Let $E$ and $F$ be two normed vector spaces. Let $T$ be a norm-limit of finite-rank continuous operators between $E$ and $F$. Prove that $T$ is compact.
The problem is that without being able to use completeness, I don't really see how to get started. Let $x_n$ be a sequence in $\overline B_E(0, 1)$, then by compactness $T_k(x_n)$ has a convergent subsequence for each $k$... then maybe I extract a subsequence $y_n$ such that $T_k(y_n)$ converges for all $k$... and then perhaps I can show that $T(y_n)$ converges. But without completeness, how do I show that a sequence converges? Normally you would construct a candidate for the limit and then check convergence, but I when I try to do that here I end up wanting to prove that other sequences converge, so I'm back where I started.
The problem is that without completeness (of $F$) the norm limit of finite-rank operators need not be compact.

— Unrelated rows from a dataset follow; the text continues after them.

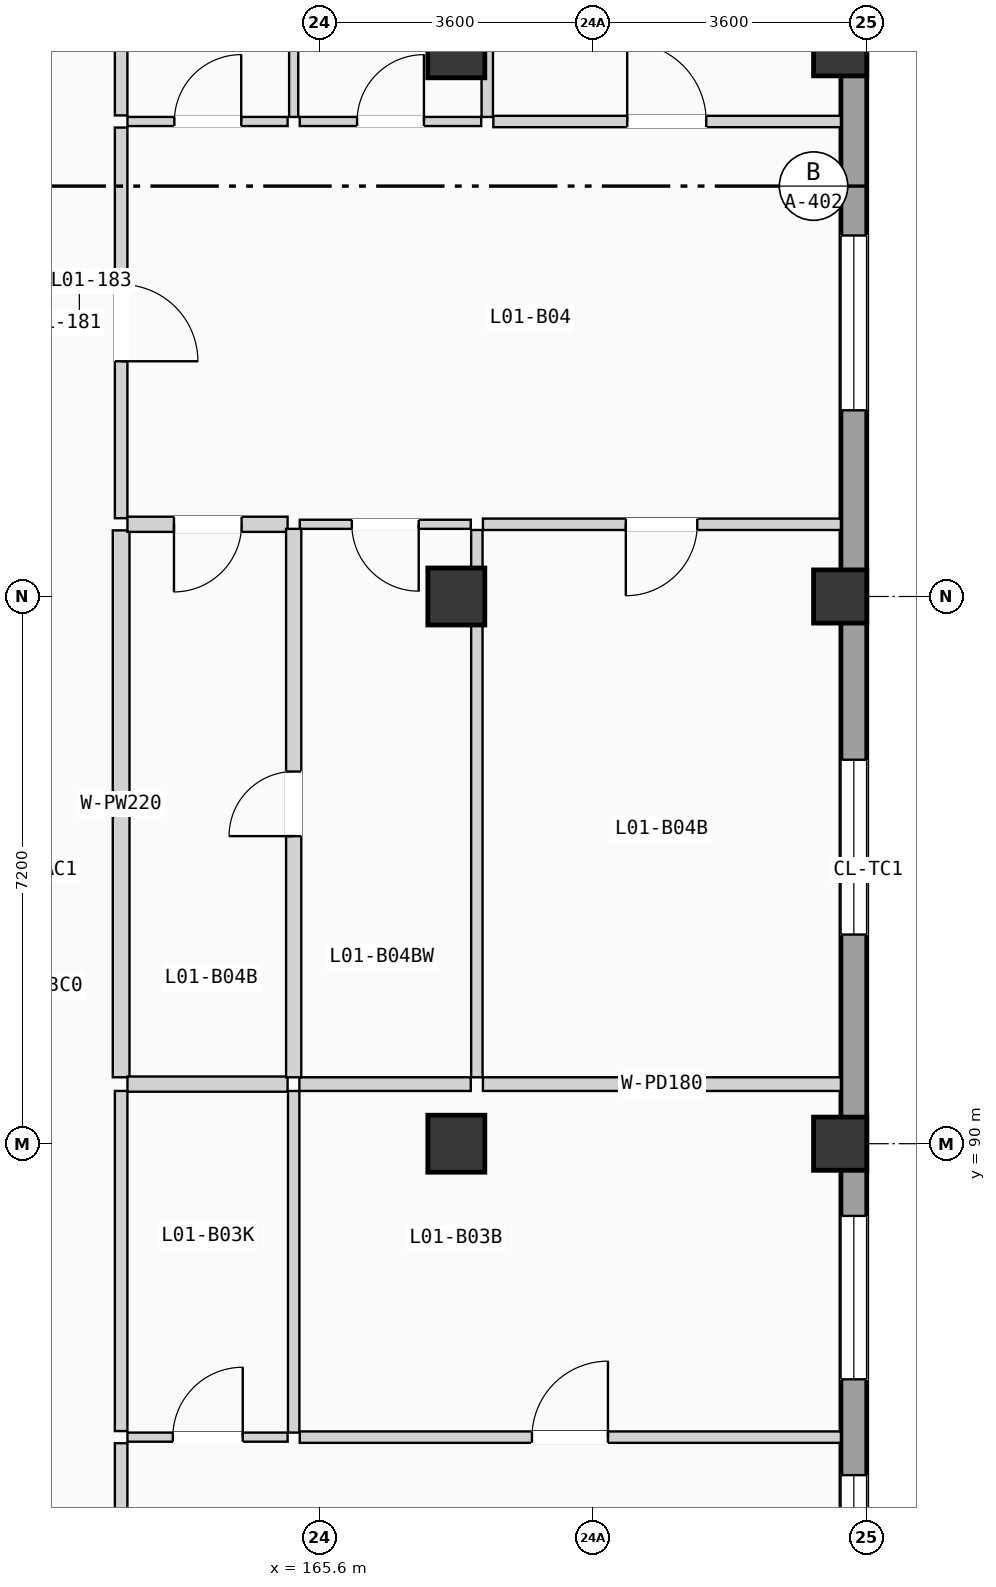
"""IFC4 building model, lengths in metres.
Left out: names, types, materials, properties, quantities, classifications, styles, units other than length and angle.
Written with IfcOpenShell. Run it as: python <this file> out.ifc"""

import sys

from ifc_helpers import new_model, si_unit, direction, frame, frame_2d, origin, origin_2d, place, context, subcontext, project, spatial, rectangle, extrude, element, fill, save


model = new_model("IFC4")
c1 = context("Model", 3, precision=1e-05, world=origin(), true_north=direction((0.0, 1.0)))
c2 = subcontext(c1, "Body", "Model", "MODEL_VIEW")
j1 = project(units=[si_unit("LENGTHUNIT", "METRE"), si_unit("PLANEANGLEUNIT", "RADIAN")], contexts=[c1])
p1 = place(None, origin())
s1 = spatial("IfcSite", under=j1, at=p1, CompositionType="ELEMENT")
p2 = place(p1, origin())
s2 = spatial("IfcBuilding", under=s1, at=p2, CompositionType="ELEMENT")
p3 = place(p2, frame((0.0, 0.0, 4.9)))
s3 = spatial("IfcBuildingStorey", under=s2, at=p3, CompositionType="ELEMENT", Elevation=4.9)
for number, where, z_axis, x_axis in (
    (1, (167.4, 90.0, 0.0), (0.0, 0.0, 1.0), (1.0, 0.0, 0.0)),
    (2, (167.4, 97.2, 0.0), (0.0, 0.0, 1.0), (1.0, 0.0, 0.0)),
    (3, (167.4, 104.4, 0.0), (0.0, 0.0, 1.0), (1.0, 0.0, 0.0)),
):
    element("IfcColumn", number, at=place(p3, frame(where, z_axis=z_axis, x_axis=x_axis)), inside=s3, PredefinedType="COLUMN", context=c2, shape_type="SweptSolid", body=[
        extrude(rectangle(XDim=0.75, YDim=0.75, at=origin_2d()), origin(), (0.0, 0.0, 1.0), 3.675),
    ])
for number, where, z_axis, x_axis in (
    (4, (172.45, 90.0, 0.0), (0.0, 0.0, 1.0), (1.0, 0.0, 0.0)),
    (5, (172.45, 97.2, 0.0), (0.0, 0.0, 1.0), (1.0, 0.0, 0.0)),
    (6, (172.45, 104.4, 0.0), (0.0, 0.0, 1.0), (1.0, 0.0, 0.0)),
):
    element("IfcColumn", number, at=place(p3, frame(where, z_axis=z_axis, x_axis=x_axis)), inside=s3, PredefinedType="COLUMN", context=c2, shape_type="SweptSolid", body=[
        extrude(rectangle(XDim=0.7, YDim=0.7, at=origin_2d()), origin(), (0.0, 0.0, 1.0), 3.675),
    ])
p4 = place(p3, frame((172.63, 68.74, 0.0), z_axis=(0.0, 0.0, 1.0), x_axis=(0.0, 1.0, 0.0)))
e7 = element("IfcWall", 7, at=p4, inside=s3, PredefinedType="SOLIDWALL", context=c2, shape_type="SweptSolid", body=[
    extrude(rectangle(XDim=49.72, YDim=0.34, at=frame_2d((24.86, 0.0))), origin(), (0.0, 0.0, 1.0), 3.415),
])
p5 = place(p4, frame((14.749, 0.0, 0.9)))
e8 = element("IfcOpeningElement", 8, at=p5, cuts=e7, PredefinedType="OPENING", context=c2, shape_type="SweptSolid", body=[
    extrude(rectangle(XDim=2.15, YDim=1.5, at=frame_2d((1.075, 0.75))), frame((0.0, 0.18, 0.0), z_axis=(0.0, -1.0, 0.0), x_axis=(1.0, 0.0, 0.0)), (0.0, 0.0, 1.0), 0.36),
])
p6 = place(p4, frame((8.422, 0.0, 0.9)))
e9 = element("IfcOpeningElement", 9, at=p6, cuts=e7, PredefinedType="OPENING", context=c2, shape_type="SweptSolid", body=[
    extrude(rectangle(XDim=2.15, YDim=1.65, at=frame_2d((1.075, 0.825))), frame((0.0, 0.18, 0.0), z_axis=(0.0, -1.0, 0.0), x_axis=(1.0, 0.0, 0.0)), (0.0, 0.0, 1.0), 0.36),
])
p7 = place(p4, frame((18.16, 0.0, 0.9)))
e10 = element("IfcOpeningElement", 10, at=p7, cuts=e7, PredefinedType="OPENING", context=c2, shape_type="SweptSolid", body=[
    extrude(rectangle(XDim=2.15, YDim=1.8, at=frame_2d((1.075, 0.9))), frame((0.0, 0.18, 0.0), z_axis=(0.0, -1.0, 0.0), x_axis=(1.0, 0.0, 0.0)), (0.0, 0.0, 1.0), 0.36),
])
p8 = place(p4, frame((30.91, 0.0, 0.9)))
e11 = element("IfcOpeningElement", 11, at=p8, cuts=e7, PredefinedType="OPENING", context=c2, shape_type="SweptSolid", body=[
    extrude(rectangle(XDim=2.3, YDim=1.2, at=frame_2d((1.15, 0.6))), frame((0.0, 0.18, 0.0), z_axis=(0.0, -1.0, 0.0), x_axis=(1.0, 0.0, 0.0)), (0.0, 0.0, 1.0), 0.36),
])
p9 = place(p4, frame((24.012, 0.0, 0.9)))
e12 = element("IfcOpeningElement", 12, at=p9, cuts=e7, PredefinedType="OPENING", context=c2, shape_type="SweptSolid", body=[
    extrude(rectangle(XDim=2.3, YDim=1.35, at=frame_2d((1.15, 0.675))), frame((0.0, 0.18, 0.0), z_axis=(0.0, -1.0, 0.0), x_axis=(1.0, 0.0, 0.0)), (0.0, 0.0, 1.0), 0.36),
])
p10 = place(p4, frame((38.045, 0.0, 0.9)))
e13 = element("IfcOpeningElement", 13, at=p10, cuts=e7, PredefinedType="OPENING", context=c2, shape_type="SweptSolid", body=[
    extrude(rectangle(XDim=2.3, YDim=1.5, at=frame_2d((1.15, 0.75))), frame((0.0, 0.18, 0.0), z_axis=(0.0, -1.0, 0.0), x_axis=(1.0, 0.0, 0.0)), (0.0, 0.0, 1.0), 0.36),
])
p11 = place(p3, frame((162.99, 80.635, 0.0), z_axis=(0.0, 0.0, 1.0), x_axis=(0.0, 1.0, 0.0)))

Let $E = F = c_{00}$, the space of sequences with only finitely many nonzero terms, endowed with your favourite $\ell^p$-norm. Let $\{e_n : n \in \mathbb{N}\}$ the usual standard basis, and define
$$T\left(\sum_{n = 0}^{\infty} c_n e_n\right) = \sum_{n = 0}^{\infty} 2^{-n}c_n e_n.$$
Since $2^{-n} \to 0$, $T$ is the norm-limit of the finite-rank operators
$$T_k \colon \sum_{n = 0}^{\infty} c_n e_n = \sum_{n = 0}^k 2^{-n}c_n e_n.$$
Let further
$$x_m = \sum_{n = 0}^{m} 2^{-n-1}e_n.$$
Then in the completion $\ell^p(\mathbb{N})$ of $F$, we have
$$T(x_m) \xrightarrow{m\to\infty} \sum_{n = 0}^{\infty} 2^{-2n-1} e_n,$$
which lies outside $F$. So $\overline{T(B(0,1))}$ is not a compact subset of $F$. Clearly $T$ is compact when viewed as a map to the completion of $F$.